Our study has several strengths. We were able to measure the effects of an HFD and metformin in well-timed and characterized pregnancies. The diets that the mice received were standardized. We were also able to demonstrate that an HFD exposure that began at the onset of pregnancy significantly increased dam and fetal weight without the confounding effects of maternal obesity.
The limitations of our study include that it was not a diabetes or obesity model which may have more direct clinical application. This may have limited our ability to detect differences in mTOR signaling as a result of a chronic obesity exposure. In addition, an HFD may affect and activate mTOR signaling differently than a diet high in sugar, protein, or total calories. Finally, the number of dams and placentas from each group (five) may have limited our ability to detect differences in dam weight gain or mTOR signaling as a result of metformin exposure.

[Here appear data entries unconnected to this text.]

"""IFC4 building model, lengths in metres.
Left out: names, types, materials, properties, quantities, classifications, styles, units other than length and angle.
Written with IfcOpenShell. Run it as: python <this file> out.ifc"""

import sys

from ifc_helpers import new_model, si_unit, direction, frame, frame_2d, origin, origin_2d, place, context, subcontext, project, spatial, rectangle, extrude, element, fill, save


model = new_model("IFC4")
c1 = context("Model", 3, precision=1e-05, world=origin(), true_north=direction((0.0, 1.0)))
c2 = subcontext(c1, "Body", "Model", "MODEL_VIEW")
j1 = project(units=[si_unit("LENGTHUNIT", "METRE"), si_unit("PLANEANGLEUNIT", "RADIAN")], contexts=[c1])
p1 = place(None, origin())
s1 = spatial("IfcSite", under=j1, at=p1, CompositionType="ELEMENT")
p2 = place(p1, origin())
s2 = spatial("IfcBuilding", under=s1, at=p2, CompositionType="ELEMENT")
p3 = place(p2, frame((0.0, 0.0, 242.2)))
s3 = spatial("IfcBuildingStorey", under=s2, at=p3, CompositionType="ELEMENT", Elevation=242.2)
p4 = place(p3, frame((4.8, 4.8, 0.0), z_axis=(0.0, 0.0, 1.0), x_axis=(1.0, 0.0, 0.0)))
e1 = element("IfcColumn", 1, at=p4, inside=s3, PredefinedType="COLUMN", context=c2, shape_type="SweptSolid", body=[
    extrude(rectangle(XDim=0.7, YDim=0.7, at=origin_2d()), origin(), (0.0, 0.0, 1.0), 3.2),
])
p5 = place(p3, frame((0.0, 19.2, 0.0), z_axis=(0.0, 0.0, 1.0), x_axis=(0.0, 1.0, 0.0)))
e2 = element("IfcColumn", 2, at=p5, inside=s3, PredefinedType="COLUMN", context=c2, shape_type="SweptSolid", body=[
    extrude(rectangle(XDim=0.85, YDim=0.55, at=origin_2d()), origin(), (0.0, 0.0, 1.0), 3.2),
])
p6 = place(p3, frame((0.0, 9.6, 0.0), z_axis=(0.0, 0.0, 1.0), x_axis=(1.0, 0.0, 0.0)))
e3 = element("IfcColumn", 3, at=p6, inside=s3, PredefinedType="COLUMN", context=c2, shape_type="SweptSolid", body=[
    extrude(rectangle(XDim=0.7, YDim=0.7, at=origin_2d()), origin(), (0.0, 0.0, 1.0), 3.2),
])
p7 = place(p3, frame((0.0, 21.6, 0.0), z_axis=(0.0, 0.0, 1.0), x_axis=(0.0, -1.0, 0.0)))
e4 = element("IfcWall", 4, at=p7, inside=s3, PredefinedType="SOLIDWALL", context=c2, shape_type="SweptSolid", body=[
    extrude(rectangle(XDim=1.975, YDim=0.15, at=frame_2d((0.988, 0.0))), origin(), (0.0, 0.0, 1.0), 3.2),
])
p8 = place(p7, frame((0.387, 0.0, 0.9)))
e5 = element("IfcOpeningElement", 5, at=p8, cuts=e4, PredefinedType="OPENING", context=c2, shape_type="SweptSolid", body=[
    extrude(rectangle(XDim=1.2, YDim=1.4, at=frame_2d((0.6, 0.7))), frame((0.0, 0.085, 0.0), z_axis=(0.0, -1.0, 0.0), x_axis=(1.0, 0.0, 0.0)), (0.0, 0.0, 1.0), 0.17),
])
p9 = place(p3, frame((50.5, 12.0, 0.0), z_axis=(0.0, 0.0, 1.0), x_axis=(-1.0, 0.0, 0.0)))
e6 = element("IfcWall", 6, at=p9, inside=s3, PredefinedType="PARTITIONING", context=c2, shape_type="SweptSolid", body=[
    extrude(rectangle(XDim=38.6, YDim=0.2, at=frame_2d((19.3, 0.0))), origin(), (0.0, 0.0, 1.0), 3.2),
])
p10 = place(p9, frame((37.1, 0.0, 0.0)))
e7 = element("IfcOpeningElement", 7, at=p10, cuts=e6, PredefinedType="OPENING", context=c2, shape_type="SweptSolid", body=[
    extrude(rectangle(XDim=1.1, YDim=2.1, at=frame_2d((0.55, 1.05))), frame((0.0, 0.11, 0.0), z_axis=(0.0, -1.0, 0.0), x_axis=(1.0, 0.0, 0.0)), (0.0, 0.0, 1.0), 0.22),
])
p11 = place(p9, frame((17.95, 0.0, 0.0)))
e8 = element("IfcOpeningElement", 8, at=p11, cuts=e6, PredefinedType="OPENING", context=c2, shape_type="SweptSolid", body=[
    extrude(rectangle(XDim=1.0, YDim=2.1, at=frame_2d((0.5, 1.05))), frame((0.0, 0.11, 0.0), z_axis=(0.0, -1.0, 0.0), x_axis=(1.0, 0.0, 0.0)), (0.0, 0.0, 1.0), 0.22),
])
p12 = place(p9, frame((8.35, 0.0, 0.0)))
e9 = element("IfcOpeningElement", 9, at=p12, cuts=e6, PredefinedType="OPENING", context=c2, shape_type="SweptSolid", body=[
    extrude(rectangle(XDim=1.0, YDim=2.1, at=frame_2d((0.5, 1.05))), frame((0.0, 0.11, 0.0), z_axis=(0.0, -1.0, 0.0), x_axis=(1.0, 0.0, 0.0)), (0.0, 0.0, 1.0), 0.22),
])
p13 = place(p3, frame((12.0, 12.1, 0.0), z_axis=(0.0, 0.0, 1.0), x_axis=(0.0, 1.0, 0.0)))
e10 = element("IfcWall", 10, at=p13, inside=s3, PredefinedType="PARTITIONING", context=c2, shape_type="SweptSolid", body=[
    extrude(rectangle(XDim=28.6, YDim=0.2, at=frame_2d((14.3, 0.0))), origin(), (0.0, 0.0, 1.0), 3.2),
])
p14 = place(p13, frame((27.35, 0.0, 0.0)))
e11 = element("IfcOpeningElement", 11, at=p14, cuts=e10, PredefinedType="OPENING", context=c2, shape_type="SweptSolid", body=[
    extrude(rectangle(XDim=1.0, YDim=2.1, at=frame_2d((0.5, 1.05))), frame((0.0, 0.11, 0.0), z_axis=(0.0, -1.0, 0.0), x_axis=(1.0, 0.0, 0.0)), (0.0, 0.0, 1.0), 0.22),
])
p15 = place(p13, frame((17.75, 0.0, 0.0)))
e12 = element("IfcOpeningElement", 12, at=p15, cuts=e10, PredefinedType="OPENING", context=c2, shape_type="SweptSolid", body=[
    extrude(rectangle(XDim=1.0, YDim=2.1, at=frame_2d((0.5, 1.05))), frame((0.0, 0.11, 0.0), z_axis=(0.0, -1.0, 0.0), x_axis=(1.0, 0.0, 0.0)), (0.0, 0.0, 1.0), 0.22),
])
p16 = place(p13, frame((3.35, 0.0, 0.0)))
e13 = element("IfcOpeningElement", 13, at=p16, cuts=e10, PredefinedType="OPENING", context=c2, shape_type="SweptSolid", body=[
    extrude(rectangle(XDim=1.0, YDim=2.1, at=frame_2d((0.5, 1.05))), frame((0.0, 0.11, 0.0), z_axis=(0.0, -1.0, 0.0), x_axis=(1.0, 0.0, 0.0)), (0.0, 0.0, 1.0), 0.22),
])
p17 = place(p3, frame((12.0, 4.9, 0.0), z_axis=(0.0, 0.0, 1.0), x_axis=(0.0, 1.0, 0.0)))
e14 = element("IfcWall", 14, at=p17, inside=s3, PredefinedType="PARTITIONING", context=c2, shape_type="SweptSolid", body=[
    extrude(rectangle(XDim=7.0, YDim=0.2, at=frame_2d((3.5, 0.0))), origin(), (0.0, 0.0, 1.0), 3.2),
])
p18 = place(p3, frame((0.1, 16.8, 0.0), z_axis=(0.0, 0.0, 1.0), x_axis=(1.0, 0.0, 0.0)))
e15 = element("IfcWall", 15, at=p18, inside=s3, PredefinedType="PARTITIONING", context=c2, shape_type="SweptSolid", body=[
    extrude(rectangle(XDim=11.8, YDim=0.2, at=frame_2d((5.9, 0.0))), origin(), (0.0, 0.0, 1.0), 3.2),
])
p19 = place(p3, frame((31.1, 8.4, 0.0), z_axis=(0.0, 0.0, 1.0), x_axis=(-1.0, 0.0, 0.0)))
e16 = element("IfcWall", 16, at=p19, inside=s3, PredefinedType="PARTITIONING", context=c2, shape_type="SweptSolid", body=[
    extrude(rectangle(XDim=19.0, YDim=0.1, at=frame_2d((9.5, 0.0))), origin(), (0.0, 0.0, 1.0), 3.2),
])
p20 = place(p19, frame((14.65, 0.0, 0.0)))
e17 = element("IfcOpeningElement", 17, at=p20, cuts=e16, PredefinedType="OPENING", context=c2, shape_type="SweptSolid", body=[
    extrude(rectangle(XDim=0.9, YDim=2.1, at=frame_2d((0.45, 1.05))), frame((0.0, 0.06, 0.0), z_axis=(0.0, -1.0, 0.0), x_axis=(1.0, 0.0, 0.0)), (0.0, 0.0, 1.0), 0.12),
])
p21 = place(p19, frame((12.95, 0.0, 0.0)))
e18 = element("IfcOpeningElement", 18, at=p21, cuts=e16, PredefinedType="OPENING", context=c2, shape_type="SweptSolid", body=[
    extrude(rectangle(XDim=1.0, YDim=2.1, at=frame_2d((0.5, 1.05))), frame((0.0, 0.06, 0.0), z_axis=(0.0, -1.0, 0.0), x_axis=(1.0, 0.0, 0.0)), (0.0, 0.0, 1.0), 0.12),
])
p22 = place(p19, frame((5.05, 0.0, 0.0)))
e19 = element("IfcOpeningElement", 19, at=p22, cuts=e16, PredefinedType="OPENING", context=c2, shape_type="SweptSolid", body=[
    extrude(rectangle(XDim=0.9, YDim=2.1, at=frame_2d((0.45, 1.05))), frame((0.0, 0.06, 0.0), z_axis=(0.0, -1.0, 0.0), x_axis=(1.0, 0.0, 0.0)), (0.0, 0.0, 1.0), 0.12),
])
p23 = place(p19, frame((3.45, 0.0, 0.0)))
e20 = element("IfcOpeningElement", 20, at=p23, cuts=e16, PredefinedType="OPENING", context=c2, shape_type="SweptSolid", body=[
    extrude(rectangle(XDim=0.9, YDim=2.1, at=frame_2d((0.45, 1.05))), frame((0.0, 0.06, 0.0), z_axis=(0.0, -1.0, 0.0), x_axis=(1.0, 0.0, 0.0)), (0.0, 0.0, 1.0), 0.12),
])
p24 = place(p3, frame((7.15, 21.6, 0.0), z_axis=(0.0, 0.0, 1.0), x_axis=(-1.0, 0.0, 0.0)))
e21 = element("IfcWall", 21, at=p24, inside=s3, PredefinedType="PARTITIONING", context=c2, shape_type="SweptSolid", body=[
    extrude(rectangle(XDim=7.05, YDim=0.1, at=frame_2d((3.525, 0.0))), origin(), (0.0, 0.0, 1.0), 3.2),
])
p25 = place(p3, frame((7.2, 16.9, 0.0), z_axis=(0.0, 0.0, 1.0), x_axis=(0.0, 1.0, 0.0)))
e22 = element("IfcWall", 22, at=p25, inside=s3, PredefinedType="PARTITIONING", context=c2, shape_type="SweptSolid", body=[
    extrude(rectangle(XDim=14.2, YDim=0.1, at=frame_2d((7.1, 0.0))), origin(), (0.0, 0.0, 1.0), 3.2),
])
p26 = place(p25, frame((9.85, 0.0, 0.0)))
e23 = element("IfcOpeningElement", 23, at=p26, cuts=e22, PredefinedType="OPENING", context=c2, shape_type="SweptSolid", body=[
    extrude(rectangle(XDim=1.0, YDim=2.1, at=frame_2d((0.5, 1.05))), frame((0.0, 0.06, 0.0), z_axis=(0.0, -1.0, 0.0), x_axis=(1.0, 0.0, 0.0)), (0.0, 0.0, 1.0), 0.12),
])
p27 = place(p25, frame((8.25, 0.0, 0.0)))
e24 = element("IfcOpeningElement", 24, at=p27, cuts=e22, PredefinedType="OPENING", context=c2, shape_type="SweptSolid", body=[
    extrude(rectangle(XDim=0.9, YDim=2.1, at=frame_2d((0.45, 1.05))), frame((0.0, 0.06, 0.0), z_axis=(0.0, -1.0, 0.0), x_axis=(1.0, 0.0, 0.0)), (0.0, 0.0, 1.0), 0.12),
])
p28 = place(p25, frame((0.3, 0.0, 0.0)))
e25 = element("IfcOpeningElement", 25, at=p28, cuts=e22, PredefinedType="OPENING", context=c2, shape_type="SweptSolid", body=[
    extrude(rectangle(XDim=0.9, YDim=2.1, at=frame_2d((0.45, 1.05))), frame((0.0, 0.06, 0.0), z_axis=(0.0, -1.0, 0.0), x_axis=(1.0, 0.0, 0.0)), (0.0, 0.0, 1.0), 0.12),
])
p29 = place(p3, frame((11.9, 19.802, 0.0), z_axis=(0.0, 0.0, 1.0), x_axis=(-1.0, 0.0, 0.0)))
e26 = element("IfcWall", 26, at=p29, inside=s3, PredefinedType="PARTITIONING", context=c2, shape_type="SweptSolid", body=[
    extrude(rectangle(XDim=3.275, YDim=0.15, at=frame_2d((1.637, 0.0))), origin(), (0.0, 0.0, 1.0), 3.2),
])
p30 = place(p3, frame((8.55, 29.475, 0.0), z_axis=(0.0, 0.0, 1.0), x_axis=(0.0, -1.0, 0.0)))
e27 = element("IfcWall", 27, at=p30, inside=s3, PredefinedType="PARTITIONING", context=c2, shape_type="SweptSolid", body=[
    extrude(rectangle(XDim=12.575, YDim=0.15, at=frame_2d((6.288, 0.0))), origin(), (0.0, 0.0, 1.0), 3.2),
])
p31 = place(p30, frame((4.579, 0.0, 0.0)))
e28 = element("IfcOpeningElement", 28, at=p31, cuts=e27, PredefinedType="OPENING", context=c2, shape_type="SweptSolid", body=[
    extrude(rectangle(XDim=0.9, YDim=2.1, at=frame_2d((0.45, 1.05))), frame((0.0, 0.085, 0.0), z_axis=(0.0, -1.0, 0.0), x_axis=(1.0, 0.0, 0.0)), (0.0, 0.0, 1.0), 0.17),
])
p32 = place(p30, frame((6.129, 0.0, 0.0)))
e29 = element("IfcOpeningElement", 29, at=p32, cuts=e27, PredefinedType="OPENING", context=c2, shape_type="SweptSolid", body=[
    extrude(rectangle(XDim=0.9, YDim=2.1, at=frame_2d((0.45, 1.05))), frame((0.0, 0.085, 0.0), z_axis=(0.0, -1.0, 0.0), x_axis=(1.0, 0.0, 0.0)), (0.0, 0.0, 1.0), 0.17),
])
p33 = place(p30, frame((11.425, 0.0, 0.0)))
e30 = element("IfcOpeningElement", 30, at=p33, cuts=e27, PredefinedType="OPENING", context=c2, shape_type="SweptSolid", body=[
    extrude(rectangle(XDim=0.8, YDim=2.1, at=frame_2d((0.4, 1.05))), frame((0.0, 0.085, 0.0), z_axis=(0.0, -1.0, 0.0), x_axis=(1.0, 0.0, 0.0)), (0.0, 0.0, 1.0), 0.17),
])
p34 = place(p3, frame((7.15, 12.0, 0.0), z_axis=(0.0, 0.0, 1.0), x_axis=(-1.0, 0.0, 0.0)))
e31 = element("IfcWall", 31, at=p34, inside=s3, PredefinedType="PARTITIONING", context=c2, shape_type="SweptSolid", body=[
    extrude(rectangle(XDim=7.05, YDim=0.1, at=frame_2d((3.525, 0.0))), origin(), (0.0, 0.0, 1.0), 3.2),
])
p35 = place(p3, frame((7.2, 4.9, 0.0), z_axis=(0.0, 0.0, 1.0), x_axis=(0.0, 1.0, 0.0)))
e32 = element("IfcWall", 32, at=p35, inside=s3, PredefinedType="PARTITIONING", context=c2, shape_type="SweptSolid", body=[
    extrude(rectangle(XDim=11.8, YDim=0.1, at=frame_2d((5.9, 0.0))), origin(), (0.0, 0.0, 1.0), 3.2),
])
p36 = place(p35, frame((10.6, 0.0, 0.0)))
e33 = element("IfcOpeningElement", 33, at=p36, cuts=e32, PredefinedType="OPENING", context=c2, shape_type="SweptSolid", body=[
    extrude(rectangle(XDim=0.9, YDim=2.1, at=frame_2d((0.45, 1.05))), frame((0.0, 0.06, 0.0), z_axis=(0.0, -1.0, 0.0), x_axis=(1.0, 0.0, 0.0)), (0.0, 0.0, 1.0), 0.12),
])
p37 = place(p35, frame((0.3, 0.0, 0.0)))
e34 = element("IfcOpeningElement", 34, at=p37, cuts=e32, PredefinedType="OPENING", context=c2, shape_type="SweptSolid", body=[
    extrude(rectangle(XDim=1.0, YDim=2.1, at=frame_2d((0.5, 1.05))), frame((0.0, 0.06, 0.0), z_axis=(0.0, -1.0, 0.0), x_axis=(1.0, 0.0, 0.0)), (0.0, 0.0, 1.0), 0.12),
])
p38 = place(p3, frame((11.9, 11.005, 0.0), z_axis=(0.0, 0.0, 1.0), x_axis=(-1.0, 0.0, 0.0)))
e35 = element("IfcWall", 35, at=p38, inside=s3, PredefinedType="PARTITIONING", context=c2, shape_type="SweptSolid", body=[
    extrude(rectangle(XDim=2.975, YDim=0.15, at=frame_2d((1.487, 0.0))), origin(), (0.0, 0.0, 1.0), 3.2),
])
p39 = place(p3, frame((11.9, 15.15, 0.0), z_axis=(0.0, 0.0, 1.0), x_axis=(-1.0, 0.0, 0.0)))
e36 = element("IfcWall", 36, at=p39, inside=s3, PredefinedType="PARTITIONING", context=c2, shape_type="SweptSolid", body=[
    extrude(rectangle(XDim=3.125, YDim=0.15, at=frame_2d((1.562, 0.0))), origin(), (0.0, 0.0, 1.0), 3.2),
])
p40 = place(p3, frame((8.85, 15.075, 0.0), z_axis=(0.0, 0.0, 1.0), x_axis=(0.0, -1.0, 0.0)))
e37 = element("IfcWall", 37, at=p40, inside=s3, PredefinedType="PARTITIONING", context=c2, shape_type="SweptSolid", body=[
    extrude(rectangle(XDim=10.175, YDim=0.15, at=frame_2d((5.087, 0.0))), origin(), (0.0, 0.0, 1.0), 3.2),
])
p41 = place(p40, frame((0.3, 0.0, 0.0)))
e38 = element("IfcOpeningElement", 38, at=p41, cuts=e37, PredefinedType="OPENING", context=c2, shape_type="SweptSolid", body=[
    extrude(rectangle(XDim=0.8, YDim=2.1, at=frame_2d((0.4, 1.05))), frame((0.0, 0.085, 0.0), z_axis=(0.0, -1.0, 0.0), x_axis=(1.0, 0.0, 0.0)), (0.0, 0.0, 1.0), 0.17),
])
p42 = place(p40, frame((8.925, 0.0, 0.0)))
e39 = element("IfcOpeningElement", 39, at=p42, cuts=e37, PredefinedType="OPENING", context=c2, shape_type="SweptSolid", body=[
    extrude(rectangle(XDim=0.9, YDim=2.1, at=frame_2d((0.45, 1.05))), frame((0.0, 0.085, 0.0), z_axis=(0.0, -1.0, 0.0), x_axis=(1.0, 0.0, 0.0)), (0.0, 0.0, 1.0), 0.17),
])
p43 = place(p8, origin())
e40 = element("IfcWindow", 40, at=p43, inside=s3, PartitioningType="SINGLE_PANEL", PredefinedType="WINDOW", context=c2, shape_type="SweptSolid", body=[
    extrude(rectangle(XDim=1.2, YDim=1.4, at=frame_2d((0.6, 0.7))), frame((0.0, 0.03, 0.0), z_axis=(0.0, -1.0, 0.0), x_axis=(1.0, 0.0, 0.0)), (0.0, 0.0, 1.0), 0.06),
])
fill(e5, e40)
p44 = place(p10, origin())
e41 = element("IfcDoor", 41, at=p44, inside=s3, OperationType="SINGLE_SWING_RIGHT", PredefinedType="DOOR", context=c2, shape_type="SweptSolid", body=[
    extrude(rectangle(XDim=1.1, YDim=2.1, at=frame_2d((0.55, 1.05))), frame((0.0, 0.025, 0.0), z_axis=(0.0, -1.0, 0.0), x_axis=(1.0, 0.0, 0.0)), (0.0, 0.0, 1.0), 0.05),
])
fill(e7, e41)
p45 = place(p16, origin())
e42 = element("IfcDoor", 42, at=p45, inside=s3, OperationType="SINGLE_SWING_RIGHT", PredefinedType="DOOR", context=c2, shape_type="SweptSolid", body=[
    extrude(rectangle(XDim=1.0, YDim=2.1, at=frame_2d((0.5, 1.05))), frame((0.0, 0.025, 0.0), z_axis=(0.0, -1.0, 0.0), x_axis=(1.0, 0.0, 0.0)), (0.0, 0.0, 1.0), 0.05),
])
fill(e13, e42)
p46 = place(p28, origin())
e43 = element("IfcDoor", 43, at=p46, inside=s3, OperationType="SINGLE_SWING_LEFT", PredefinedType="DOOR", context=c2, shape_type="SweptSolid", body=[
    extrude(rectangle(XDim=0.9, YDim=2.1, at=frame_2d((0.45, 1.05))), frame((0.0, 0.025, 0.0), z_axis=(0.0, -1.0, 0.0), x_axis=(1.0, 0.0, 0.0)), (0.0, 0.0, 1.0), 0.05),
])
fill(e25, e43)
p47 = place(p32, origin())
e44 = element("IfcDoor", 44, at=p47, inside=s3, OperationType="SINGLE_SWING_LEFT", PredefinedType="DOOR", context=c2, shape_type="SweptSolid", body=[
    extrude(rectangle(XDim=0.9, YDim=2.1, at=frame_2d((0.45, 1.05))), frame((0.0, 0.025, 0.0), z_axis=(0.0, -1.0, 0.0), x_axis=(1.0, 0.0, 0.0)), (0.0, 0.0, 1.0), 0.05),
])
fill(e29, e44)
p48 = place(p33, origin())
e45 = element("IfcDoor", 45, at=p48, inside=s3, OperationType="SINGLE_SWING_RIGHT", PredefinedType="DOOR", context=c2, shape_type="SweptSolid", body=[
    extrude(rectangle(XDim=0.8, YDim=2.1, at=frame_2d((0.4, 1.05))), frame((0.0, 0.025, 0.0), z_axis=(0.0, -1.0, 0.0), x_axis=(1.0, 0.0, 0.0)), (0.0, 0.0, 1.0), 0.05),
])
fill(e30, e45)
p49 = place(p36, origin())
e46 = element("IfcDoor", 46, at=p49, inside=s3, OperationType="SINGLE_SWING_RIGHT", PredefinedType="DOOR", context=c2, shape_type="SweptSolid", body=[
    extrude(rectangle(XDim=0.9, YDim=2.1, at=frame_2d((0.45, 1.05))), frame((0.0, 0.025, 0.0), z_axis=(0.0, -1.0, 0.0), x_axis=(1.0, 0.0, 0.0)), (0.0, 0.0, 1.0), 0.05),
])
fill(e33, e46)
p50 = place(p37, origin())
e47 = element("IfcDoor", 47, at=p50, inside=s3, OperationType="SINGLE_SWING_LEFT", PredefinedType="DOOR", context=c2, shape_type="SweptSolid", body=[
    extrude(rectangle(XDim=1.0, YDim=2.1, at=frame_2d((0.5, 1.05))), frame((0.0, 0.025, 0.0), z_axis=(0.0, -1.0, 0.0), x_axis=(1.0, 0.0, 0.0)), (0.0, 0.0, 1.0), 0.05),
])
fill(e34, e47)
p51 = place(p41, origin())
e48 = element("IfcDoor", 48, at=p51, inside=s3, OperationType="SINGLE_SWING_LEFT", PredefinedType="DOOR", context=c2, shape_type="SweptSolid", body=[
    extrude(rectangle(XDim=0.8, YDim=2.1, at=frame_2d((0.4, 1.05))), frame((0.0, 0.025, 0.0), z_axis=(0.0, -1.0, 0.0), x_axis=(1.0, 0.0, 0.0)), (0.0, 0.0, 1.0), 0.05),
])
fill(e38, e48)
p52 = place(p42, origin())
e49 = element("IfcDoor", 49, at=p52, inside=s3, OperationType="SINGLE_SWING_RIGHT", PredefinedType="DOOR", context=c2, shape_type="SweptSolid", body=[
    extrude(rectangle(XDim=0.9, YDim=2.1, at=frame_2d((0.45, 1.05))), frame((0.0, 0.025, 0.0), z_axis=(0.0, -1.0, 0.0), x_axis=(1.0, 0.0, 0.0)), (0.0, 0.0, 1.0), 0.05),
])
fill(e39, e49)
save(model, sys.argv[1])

Metformin is widely prescribed in pregnancy to treat both pre-existing diabetes and gestational diabetes. It is generally thought to be safe but few randomized trials have assessed its short-term and long-term effects on offspring. The possibility that it may augment placental mTOR signaling as a result of different maternal metabolic exposures warrants additional research on its effects in pregnancy.
Conclusion
In conclusion, in our mouse model, placental expression of p-Akt was increased as a result of both HFD and metformin exposures. Among control treatment mice, placental p-S6 expression was similar between CD and HFD-fed mice. However, placental p-S6 expression was decreased in those placentas exposed to both an HFD and metformin, compared with those exposed to HFD alone. This pattern suggests that increases in fetal weight are not associated with increased mTORC1 signaling as a result of the HFD exposure. Among dams exposed to an HFD, however, p-S6 was decreased as a result of metformin exposure. This suggests that metformin inhibition of mTORC1 signaling only occurred in the presence of an HFD exposure. We theorize that in this model, an HFD did not activate mTOR pathway signaling but metformin appears to have inhibited mTOR pathway signaling in the presence of an HFD and, in doing so, reduced fetal weight.[20 ] As the nutrient-sensing capabilities of placental mTOR and its effects on fetal growth continue to be studied, the role that metformin may play as a placental mTOR pathway inhibitor should continue to be explored.